Allows for searching the LAMMPS potential records that assist with building LAMMPS input command lines, as well as the downloading/locating of LAMMPS potential parameter files.  get_lammps_potentials() always returns a list of matches, while get_lammps_potential() returns a single match if exactly one is found and throws an error otherwise.

- __id__ (*str or list, optional*) The id value(s) to limit the search by.
        
- __key__ (*str or list, optional*) The key value(s) to limit the search by.
        
- __potid__ (*str or list, optional*) The potid value(s) to limit the search by.
        
- __potkey__ (*str or list, optional*) The potkey value(s) to limit the search by.
        
- __status__ (*str or list, optional*) The status value(s) to limit the search by.
        
- __pair_style__ (*str or list, optional*) The pair_style value(s) to limit the search by.
        
- __element__ (*str or list, optional*) The included elemental model(s) to limit the search by.
        
- __symbol__ (*str or list, optional*) The included symbol model(s) to limit the search by.
        
- __verbose__ (*bool, optional*) If True, informative print statements will be used.
        
- __get_files__ (*bool, optional*) If True, then the parameter files for the matching potentials will also be retrieved and copied to the working directory. If False (default) and the parameter files are in the library, then the returned objects' pot_dir path will be set appropriately.

In [None]:
# Get all potentials with the bop pair style
lmppots = db_local.get_lammps_potentials(pair_style='bop')
for lmppot in lmppots:
    print(lmppot.id)

In [None]:
# Get the LAMMPS potential associated with the 1999 Mishin Al potential found above
lmppot = db_local.get_lammps_potential(potkey=pot.key)
print(lmppot.id)

The returned LAMMPSPotential object(s) can be used to generate LAMMPS command lines for the potential.  If the parameter files for the LAMMPS potential are located in the localpath directory, then the command lines will point to the correct location.

In [None]:
print(lmppot.pair_info())

In [None]:
print(lmppot.pair_info(symbols=['Al', 'Al']))
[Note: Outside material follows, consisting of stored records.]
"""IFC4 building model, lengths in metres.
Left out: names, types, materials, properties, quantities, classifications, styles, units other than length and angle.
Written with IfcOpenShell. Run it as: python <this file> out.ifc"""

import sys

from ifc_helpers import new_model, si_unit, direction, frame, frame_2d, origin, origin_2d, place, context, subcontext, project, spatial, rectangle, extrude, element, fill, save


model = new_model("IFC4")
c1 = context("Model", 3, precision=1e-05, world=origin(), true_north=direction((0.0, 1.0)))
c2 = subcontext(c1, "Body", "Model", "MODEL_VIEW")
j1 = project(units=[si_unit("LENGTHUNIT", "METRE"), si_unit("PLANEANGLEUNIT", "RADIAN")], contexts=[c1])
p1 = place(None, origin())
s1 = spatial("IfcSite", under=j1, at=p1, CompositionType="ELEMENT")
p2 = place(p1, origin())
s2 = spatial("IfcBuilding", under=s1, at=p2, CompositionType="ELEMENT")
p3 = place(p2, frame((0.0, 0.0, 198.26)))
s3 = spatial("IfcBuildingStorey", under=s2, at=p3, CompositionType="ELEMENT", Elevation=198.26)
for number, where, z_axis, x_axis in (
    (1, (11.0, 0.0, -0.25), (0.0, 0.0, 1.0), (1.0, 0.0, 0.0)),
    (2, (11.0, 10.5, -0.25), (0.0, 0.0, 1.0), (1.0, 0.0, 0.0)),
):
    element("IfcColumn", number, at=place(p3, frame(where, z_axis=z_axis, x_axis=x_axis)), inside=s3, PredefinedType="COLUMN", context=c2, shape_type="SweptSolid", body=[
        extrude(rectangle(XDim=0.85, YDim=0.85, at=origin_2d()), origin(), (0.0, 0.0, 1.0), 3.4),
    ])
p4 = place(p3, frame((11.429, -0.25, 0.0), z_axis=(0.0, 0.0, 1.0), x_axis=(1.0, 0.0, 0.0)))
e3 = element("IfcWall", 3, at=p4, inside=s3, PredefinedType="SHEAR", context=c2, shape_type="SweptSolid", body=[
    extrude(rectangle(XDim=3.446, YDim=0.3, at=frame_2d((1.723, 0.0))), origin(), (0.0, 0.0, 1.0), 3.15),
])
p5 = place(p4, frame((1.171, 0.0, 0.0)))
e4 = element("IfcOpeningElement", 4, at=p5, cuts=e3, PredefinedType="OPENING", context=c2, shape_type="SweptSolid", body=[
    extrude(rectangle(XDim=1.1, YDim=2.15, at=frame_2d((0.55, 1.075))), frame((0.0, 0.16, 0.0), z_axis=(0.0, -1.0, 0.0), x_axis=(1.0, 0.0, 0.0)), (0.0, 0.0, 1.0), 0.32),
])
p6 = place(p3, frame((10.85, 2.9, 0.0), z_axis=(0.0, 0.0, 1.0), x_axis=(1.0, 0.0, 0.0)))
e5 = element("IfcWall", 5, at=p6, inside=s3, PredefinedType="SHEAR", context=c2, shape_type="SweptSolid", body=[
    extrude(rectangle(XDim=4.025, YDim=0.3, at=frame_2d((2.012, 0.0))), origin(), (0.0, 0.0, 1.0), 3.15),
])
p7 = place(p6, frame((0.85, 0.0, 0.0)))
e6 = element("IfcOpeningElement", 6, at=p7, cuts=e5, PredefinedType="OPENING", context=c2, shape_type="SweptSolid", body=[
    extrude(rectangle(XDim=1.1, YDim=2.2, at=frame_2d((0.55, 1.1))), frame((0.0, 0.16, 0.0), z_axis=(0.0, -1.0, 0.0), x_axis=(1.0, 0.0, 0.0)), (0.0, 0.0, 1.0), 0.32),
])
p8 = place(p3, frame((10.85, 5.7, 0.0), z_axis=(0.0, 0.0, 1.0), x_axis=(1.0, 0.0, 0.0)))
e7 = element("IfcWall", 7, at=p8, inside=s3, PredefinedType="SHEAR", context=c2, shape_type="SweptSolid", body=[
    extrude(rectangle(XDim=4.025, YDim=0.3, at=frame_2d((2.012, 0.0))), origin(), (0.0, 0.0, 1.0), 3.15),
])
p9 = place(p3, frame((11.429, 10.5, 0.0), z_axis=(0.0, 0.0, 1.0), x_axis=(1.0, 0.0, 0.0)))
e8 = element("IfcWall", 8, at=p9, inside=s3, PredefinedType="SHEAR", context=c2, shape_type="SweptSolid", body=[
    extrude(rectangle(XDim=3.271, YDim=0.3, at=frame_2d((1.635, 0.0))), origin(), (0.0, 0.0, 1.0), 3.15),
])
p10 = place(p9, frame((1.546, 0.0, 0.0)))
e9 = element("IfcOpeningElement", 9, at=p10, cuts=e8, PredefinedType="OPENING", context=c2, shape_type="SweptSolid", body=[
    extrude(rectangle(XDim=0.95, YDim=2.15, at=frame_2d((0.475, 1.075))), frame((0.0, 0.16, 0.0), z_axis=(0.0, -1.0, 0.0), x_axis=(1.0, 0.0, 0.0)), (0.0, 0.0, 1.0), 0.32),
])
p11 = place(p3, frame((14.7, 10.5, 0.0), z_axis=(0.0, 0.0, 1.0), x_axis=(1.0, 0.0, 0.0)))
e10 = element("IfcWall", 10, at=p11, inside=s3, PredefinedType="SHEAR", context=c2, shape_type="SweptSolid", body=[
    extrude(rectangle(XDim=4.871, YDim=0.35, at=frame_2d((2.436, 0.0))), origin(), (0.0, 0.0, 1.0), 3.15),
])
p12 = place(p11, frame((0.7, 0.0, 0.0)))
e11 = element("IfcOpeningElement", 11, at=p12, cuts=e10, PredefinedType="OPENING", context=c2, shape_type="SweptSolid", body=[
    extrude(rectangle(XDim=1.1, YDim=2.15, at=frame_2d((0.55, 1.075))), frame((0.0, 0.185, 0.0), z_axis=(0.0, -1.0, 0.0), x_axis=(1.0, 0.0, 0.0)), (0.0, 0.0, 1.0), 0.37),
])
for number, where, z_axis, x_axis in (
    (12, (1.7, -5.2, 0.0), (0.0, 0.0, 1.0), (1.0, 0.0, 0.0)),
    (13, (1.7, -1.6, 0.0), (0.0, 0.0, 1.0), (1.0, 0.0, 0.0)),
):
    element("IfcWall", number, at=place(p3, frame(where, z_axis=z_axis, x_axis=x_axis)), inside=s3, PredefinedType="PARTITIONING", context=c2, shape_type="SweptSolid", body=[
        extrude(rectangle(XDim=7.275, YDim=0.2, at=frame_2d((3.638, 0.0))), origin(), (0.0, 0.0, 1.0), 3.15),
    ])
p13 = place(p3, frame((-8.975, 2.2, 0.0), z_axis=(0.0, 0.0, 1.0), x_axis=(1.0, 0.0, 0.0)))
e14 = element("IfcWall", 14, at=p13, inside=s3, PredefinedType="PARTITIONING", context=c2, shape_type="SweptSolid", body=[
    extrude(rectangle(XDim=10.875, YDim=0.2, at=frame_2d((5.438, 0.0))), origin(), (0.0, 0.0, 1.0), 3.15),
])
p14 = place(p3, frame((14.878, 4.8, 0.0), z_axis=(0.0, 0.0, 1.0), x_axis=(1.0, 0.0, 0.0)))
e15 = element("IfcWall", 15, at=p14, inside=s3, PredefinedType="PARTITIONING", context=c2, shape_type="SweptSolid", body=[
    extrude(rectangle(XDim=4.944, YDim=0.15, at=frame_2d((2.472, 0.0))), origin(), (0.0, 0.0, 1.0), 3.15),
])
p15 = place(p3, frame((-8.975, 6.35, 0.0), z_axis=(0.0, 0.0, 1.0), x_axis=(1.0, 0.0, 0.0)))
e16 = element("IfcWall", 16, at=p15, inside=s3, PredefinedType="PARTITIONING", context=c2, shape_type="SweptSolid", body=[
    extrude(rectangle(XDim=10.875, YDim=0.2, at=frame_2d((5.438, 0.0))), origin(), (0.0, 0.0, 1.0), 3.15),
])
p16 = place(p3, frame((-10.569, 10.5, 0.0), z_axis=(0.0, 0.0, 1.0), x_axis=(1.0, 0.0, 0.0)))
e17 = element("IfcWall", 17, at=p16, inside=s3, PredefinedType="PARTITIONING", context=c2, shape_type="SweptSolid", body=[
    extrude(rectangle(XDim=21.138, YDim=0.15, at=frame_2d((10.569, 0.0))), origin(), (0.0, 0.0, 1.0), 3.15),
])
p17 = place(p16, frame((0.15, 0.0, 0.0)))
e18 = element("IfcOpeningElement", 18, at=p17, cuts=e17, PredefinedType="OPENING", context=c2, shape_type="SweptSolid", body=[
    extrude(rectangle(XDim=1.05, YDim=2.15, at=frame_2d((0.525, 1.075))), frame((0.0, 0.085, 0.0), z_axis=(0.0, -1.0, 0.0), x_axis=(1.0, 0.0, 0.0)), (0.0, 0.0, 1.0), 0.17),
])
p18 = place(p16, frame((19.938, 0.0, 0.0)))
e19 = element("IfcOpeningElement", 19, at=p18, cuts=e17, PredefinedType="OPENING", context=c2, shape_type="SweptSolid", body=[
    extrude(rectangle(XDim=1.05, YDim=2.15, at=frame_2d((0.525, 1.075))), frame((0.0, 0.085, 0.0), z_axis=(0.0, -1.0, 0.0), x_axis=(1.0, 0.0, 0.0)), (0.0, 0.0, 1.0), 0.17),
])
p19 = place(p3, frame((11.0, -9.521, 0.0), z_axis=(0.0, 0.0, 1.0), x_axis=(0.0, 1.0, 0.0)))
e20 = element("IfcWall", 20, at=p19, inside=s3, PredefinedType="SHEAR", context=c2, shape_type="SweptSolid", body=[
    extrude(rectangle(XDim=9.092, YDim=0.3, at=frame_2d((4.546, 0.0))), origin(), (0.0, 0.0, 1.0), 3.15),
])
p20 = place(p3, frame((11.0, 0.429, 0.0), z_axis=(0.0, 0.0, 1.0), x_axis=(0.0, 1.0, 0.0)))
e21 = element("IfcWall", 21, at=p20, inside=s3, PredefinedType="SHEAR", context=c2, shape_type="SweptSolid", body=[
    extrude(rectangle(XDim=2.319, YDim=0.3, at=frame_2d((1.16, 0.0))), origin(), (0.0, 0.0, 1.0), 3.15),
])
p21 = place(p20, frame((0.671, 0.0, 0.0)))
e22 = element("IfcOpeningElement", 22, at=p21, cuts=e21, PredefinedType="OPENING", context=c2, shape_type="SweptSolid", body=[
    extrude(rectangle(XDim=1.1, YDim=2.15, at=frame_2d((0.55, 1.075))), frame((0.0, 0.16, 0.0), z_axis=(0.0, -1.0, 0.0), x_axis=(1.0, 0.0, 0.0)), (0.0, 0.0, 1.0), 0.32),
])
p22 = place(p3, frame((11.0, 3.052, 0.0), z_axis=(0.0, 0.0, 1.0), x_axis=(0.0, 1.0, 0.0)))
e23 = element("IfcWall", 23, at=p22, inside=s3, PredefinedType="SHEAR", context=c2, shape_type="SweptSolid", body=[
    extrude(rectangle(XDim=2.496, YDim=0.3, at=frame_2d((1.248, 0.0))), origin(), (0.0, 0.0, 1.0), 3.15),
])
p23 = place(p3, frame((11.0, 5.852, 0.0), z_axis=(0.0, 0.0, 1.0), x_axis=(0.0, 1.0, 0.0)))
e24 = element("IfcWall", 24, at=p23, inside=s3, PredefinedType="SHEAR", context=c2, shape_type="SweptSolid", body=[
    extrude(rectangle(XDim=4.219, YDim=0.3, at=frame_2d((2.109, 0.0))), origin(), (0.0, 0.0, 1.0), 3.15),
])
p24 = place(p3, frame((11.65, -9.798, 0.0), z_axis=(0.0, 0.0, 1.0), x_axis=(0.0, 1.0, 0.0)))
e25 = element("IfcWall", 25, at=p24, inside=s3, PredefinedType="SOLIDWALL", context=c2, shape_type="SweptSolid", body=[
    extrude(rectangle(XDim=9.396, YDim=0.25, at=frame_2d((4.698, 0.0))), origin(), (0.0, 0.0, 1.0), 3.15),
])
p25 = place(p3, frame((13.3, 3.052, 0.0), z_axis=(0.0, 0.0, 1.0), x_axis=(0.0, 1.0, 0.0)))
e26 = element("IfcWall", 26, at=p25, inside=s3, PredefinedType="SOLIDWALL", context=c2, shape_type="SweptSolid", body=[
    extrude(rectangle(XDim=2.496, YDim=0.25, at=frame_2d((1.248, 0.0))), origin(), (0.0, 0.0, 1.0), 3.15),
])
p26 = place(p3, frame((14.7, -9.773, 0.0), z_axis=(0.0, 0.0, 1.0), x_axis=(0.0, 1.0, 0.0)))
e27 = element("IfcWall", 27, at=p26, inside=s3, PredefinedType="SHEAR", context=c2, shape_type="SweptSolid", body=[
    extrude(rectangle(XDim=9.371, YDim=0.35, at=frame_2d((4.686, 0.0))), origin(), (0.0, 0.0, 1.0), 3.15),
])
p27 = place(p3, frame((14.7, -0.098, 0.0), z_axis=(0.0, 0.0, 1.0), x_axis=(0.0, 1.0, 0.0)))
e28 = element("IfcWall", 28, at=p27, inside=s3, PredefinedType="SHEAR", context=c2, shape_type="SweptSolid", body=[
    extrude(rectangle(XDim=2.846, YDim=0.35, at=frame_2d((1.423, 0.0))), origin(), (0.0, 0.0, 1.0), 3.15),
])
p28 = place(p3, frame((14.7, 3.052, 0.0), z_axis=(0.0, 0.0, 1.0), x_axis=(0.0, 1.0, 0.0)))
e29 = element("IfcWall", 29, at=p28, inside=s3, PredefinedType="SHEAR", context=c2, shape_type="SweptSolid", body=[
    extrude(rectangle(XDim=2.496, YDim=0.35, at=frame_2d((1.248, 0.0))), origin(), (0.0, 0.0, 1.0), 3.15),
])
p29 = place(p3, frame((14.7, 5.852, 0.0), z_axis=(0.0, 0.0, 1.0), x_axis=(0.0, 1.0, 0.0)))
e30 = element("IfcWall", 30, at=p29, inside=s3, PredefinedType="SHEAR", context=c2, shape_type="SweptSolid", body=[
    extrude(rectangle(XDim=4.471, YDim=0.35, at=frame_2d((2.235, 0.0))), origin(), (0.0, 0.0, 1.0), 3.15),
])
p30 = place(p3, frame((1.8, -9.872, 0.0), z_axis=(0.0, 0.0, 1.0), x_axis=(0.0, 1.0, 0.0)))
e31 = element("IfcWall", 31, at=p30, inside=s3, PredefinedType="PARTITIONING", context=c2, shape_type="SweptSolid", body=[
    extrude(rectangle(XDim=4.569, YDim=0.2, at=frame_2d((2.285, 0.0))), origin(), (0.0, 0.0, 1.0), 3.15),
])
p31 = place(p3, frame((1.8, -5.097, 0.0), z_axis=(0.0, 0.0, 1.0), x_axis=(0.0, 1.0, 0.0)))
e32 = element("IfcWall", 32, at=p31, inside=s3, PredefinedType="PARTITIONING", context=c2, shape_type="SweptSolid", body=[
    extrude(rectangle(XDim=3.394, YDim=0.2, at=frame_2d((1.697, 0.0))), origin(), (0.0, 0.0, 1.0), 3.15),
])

If the parameter files have not been downloaded, or you want to copy them to the working directory, then you can use the get_files setting.

In [None]:
lmppot = db_local.get_lammps_potential(potkey=pot.key, get_files=True, verbose=True)
print(lmppot.pair_info())

## 3. Custom searches

The Database class also provides access to the underlying tools used to perform the database searches.

- __Database.citations_df, Database.potentials_df, and Database.lammps_potentials_df__ if records of the given style have been loaded, then these are pandas.DataFrame containing the dictionary representations of all the loaded record objects.

- __Database.citations, Database.potentials, and Database.lammps_potentials__: if records of the given style have been loaded, then these are numpy arrays containing all the loaded record objects.  The order of the records in these arrays is the same as in the corresponding DataFrames, so any conditional searches on the DataFrame values can be directly applied to these arrays.

- __Database.cdcs__ : the underlying cdcs.CDCS API client. Accessing this directly allows for custom-built queries and rest calls to be constructed.

In [None]:
db_local.lammps_potentials_df

## 4. Other database records

https://potentials.nist.gov contains other records than the three primary potentials-centric styles. The Database class has some basic methods supporting these other record types as well.

- __download_records()__ allowing all records of a given template (style) to be downloaded to the localpath.

- __get_record()__ allowing a single record of a given template to be retrieved by name either from localpath or the remote database.  The retrieved record is returned as a DataModelDict.DataModelDict object.